After processing all metrics and the disk usage (for the cluster) we will use Invoke-Restmethod and post the array to the InfluxDB API. Check out my post on doing this for the vSphere metrics for more details on that.

The scripts are run as scheduled tasks every 5 minutes. The full scripts are found over on GitHub.

The Dashboards

So, now we pull the VSAN metrics from vCenter and put it in our InfluxDB database. Now we will use Grafana to build some dashboards for VSAN. Check out my previous post on Grafana dashboards for  details on how you build dashboards and the different components. Note that all dashboards have been built on Grafana v4 and the row based grid. In v5 you can get more creative with a more fluid design.

We have built four different dashboards for our VSAN environment. Three for the cluster entity and one for Diskgroups. The three cluster dashboards are split in an Overview dashboard and one for Backend metrics and one for VMConsumption/Frontend metrics.

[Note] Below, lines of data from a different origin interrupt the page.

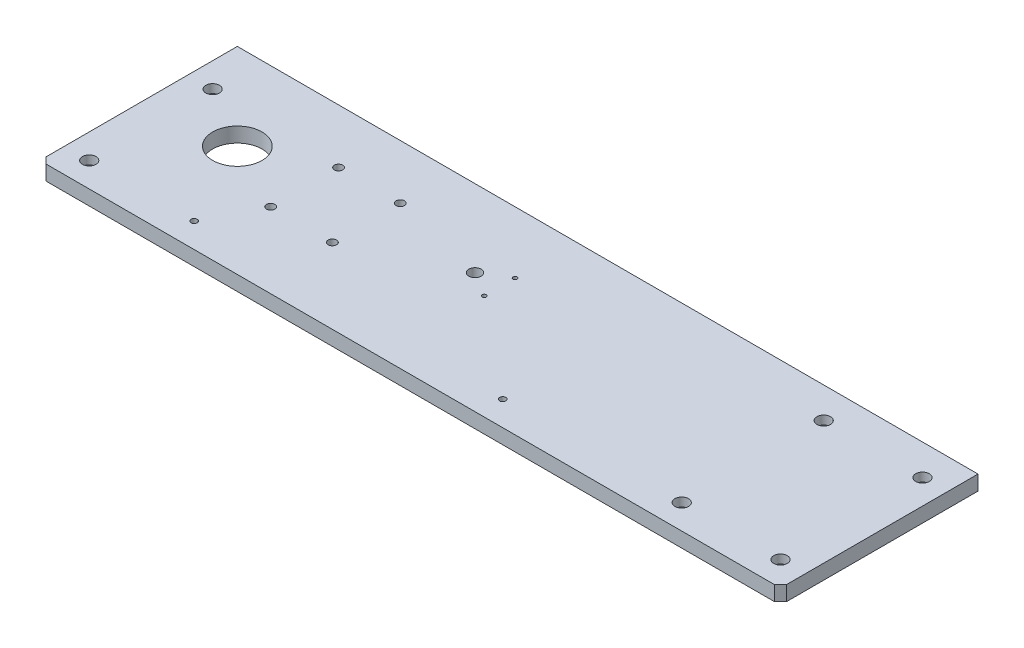
SolidWorks part; units mm, degrees
material "45#"
ref_plane "Front Plane" through (0, 0, 0) normal (0, 0, 1) x (1, 0, 0)
ref_plane "Top Plane" through (0, 0, 0) normal (0, 1, 0) x (1, 0, 0)
ref_plane "Right Plane" through (0, 0, 0) normal (1, 0, 0) x (0, 0, -1)
sketch "Sketch1" plane through (0, 0, 0) normal (0, 1, 0) x (1, 0, 0)
  line L0 (300, 80) -> (-300, -80) construction
  line L1 (-300, 80) -> (300, 80)
  line L2 (-300, 80) -> (-300, -80)
  line L3 (-300, -80) -> (300, -80)
  line L4 (300, 80) -> (300, -80)
  dimension "D1" = 600
  dimension "D2" = 160
extrude "Extrude1" add sketch "Sketch1" along normal mid plane 12
sketch "Sketch2" plane through (0, 6, 0) normal (0, 1, 0) x (1, 0, 0)
  point P0 (-280, 40)
  point P1 (-280, -60)
  point P3 (200, -60)
  point P5 (280, -60)
  point P7 (200, 55)
  point P9 (280, 55)
hole_wizard "M6 Socket Head Cap Screw Counterbore1" positions "3D Sketch1" profile "Sketch3" counterbore size "M6" standard "ISO" end condition through all
sketch3d "3D Sketch1"
  point P0 (-280, 6, 60)
  point P3 (-280, 6, -40)
  point P6 (200, 6, 60)
  point P9 (200, 6, -55)
  point P12 (280, 6, -55)
  point P15 (280, 6, 60)
sketch "Sketch3" plane through (-280, 6, 60) normal (1, 0, 0) x (0, 0, 1)
  line L0 (0, 0) -> (0, 12)
  line L1 (0, 12) -> (3.3, 12)
  line L3 (3.3, 12) -> (3.3, 7)
  line L4 (3.3, 7) -> (5.5, 7)
  line L5 (5.5, 7) -> (5.5, 0)
  line L7 (5.5, 0) -> (0, 0)
  line L11 (0, -6.35) -> (0, 107.95) construction
  dimension "貫穿孔直徑" = 6.6
  dimension "貫穿孔深度" = 12
  dimension "柱孔直徑" = 11
  dimension "柱孔深度" = 7
sketch "Sketch4" plane through (0, 0, -80) normal (0, 0, -1) x (-1, 0, 0)
  point P0 (230, 0)
  point P3 (-20, 0)
  point P7 (-270, 0)
hole_wizard "M4 Tapped Hole1" positions "3D Sketch2" profile "Sketch5" tap size "M4" standard "ISO"
sketch3d "3D Sketch2"
  point P0 (270, 0, -80)
  point P6 (20, 0, -80)
  point P12 (-230, 0, -80)
sketch "Sketch5" plane through (270, 0, -80) normal (1, 0, 0) x (0, 1, 0)
  line L0 (0, 0) -> (0, 11.0914)
  line L1 (0, 11.0914) -> (1.65, 10.1)
  line L2 (1.65, 10.1) -> (1.65, 0)
  line L5 (1.65, 0) -> (0, 0)
  line L10 (0, 11.0914) -> (-1.65, 10.1) construction
  line L11 (0, -6.35) -> (0, 107.95) construction
  dimension "螺孔鑽直徑" = 3.3
  dimension "螺孔鑽深度" = 10.1
  dimension "導頭角度" = 118
cosmetic thread "Cosmetic Thread1" parameters "D1"=8, "D2"=4
cosmetic thread "Cosmetic Thread2" parameters "D1"=8, "D2"=4
cosmetic thread "Cosmetic Thread3" parameters "D1"=8, "D2"=4
sketch "Sketch6" plane through (0, 6, 0) normal (0, 1, 0) x (1, 0, 0)
  line L0 (-174, -24) -> (-174, -14) construction
  line L2 (-174, 31) -> (-174, 41) construction
  line L4 (-124, 41) -> (-124, 31) construction
  line L6 (-124, -14) -> (-124, -24) construction
hole_wizard "M8 Tapped Hole1" positions "3D Sketch3" profile "Sketch7" tap size "M8" standard "ISO" end condition through all
sketch3d "3D Sketch3"
  line L1 (-174, 6, 24) -> (-174, 6, 14) construction
  line L2 (-124, 6, 14) -> (-124, 6, 24) construction
  line L3 (-124, 6, -41) -> (-124, 6, -31) construction
  line L4 (-174, 6, -31) -> (-174, 6, -41) construction
  point P4 (-174, 6, 19)
  point P6 (-124, 6, 19)
  point P8 (-124, 6, -36)
  point P10 (-174, 6, -36)
sketch "Sketch7" plane through (-174, 6, 19) normal (1, 0, 0) x (0, 0, 1)
  line L0 (0, 0) -> (0, 12)
  line L1 (0, 12) -> (3.4, 12)
  line L2 (3.4, 12) -> (3.4, 0)
  line L5 (3.4, 0) -> (0, 0)
  line L11 (0, -6.35) -> (0, 107.95) construction
  dimension "貫穿螺孔鑽直徑" = 6.8
  dimension "貫穿螺孔鑽深度" = 12
cosmetic thread "Cosmetic Thread6" parameters "D2"=8
cosmetic thread "Cosmetic Thread7" parameters "D2"=8
cosmetic thread "Cosmetic Thread8" parameters "D2"=8
cosmetic thread "Cosmetic Thread9" parameters "D2"=8
sketch "Sketch8" plane through (0, 6, 0) normal (0, 1, 0) x (1, 0, 0)
  point P0 (-195, -60)
  point P1 (55, -60)
hole_wizard "M6 Tapped Hole2" positions "3D Sketch4" profile "Sketch9" tap size "M6" standard "ISO" end condition through all
sketch3d "3D Sketch4"
  point P0 (55, 6, 60)
  point P3 (-195, 6, 60)
sketch "Sketch9" plane through (55, 6, 60) normal (1, 0, 0) x (0, 0, 1)
  line L0 (0, 0) -> (0, 12)
  line L1 (0, 12) -> (2.5, 12)
  line L2 (2.5, 12) -> (2.5, 0)
  line L5 (2.5, 0) -> (0, 0)
  line L11 (0, -6.35) -> (0, 107.95) construction
  dimension "貫穿螺孔鑽直徑" = 5
  dimension "貫穿螺孔鑽深度" = 12
cosmetic thread "Cosmetic Thread10" parameters "D2"=6
cosmetic thread "Cosmetic Thread11" parameters "D2"=6
sketch "Sketch10" plane through (0, 6, 0) normal (0, 1, 0) x (1, 0, 0)
  line L0 (300, 80) -> (-300, 80) construction
  line L1 (-300, 80) -> (-300, -80) construction
  circle A0 centre (-230, 10) radius 20
  dimension "D2" = 70
  dimension "D3" = 40
  dimension "D1" = 70
extrude "Cut-Extrude1" cut sketch "Sketch10" against normal through all
hole_wizard "M4 Tapped Hole2" positions "3D Sketch6" profile "Sketch12" tap size "M4" standard "ISO"
sketch3d "3D Sketch6"
  line L0 (-25, 6, -5) -> (-25, 6, -30) construction
  line L1 (-25, 6, -30) -> (-25, 6, -80) construction
  line L2 (300, 6, -80) -> (-300, 6, -80) construction
  line L4 (300, 6, 80) -> (300, 6, -80) construction
  point P0 (-25, 6, -5)
  point P2 (-25, 6, -30)
  dimension "D3" = 325
  dimension "D1" = 25
  dimension "D2" = 50
sketch "Sketch12" plane through (-25, 6, -5) normal (1, 0, 0) x (0, 0, 1)
  line L0 (0, 0) -> (0, 12.9914)
  line L1 (0, 12.9914) -> (1.65, 12)
  line L2 (1.65, 12) -> (1.65, 0)
  line L5 (1.65, 0) -> (0, 0)
  line L10 (0, 12.9914) -> (-1.65, 12) construction
  line L11 (0, -6.35) -> (0, 107.95) construction
  dimension "螺孔鑽直徑" = 3.3
  dimension "螺孔鑽深度" = 12
  dimension "導頭角度" = 118
cosmetic thread "Cosmetic Thread12" parameters "D1"=8, "D2"=4
cosmetic thread "Cosmetic Thread13" parameters "D1"=8, "D2"=4
chamfer "Chamfer1" distance 5 angle 45 2 edges at (-300, 0, 80) (300, 0, 80)
sketch "Sketch13" plane through (0, 6, 0) normal (0, 1, 0) x (1, 0, 0)
  line L0 (-25, 30) -> (-25, 5) construction
  line L1 (-45, 17.5) -> (-25, 17.5) construction
  circle A0 centre (-45, 17.5) radius 5
  dimension "D1" = 10
  dimension "D2" = 20
extrude "Cut-Extrude2" cut sketch "Sketch13" against normal through all
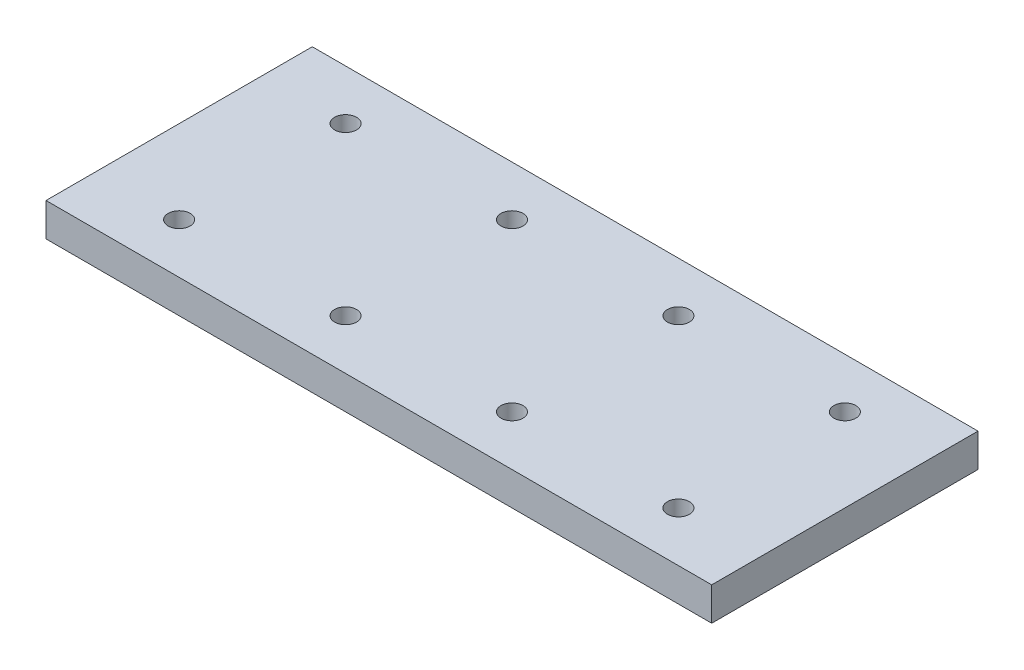
from build123d import *

# Parameters (mm, degrees)
SKETCH1_W                  = 200
SKETCH1_H                  = 80
BOSS_EXTRUDE1_DEPTH        = 10
F_6_6_6_6_DIAMETER_HOLE1_D = 6.6


with BuildPart() as part:
    # Sketch1 → Boss-Extrude1 (new body)
    with BuildSketch(Plane(origin=(0, 0, 0), x_dir=(1, 0, 0), z_dir=(0, 1, 0))):
        Rectangle(SKETCH1_W, SKETCH1_H)
    extrude(amount=BOSS_EXTRUDE1_DEPTH)

    # Ø6.6 (6.6) Diameter Hole1 (through all)
    with Locations(Plane(origin=(0, 10, 0), x_dir=(1, 0, 0), z_dir=(0, 1, 0))):
        with Locations((-25, 25), (25, 25), (-25, -25), (25, -25), (-75, 25), (75, 25), (75, -25), (-75, -25)):
            Hole(F_6_6_6_6_DIAMETER_HOLE1_D / 2)


solid = part.part

First our Overview dashboard with some single stats on the top and than some graphs with combined Front- and Backend metrics. Notice that this (and the other Dashboards have links to the other VSAN dashboards for easy navigation).

VSAN dashboard

The Front- and Backend dashboards have some additional metrics respectively. Notice that all Cluster dashboards have a VSAN dropdown menu at the top where you can focus on specific clusters.

VSAN Cluster Backend

Cluster Backend

VSAN Cluster Frontend

Cluster Frontend

The Diskgroup dashboard focuses obviously on Diskgroups and this dashboard has both Diskgroup and Host as available variables in addition to Vsan cluster. The two extra variables adjusts according to the chosen Cluster.

VSAN Diskgroup

Diskgroup

The dashboards are also available on GitHub.

Summary

Hopefully this post has shown how you can easily build out an existing Influx/Grafana solution with additional metrics, or if you are new to Influx/Grafana it has shown how you can start out monitoring your VSAN environment with open-source tools.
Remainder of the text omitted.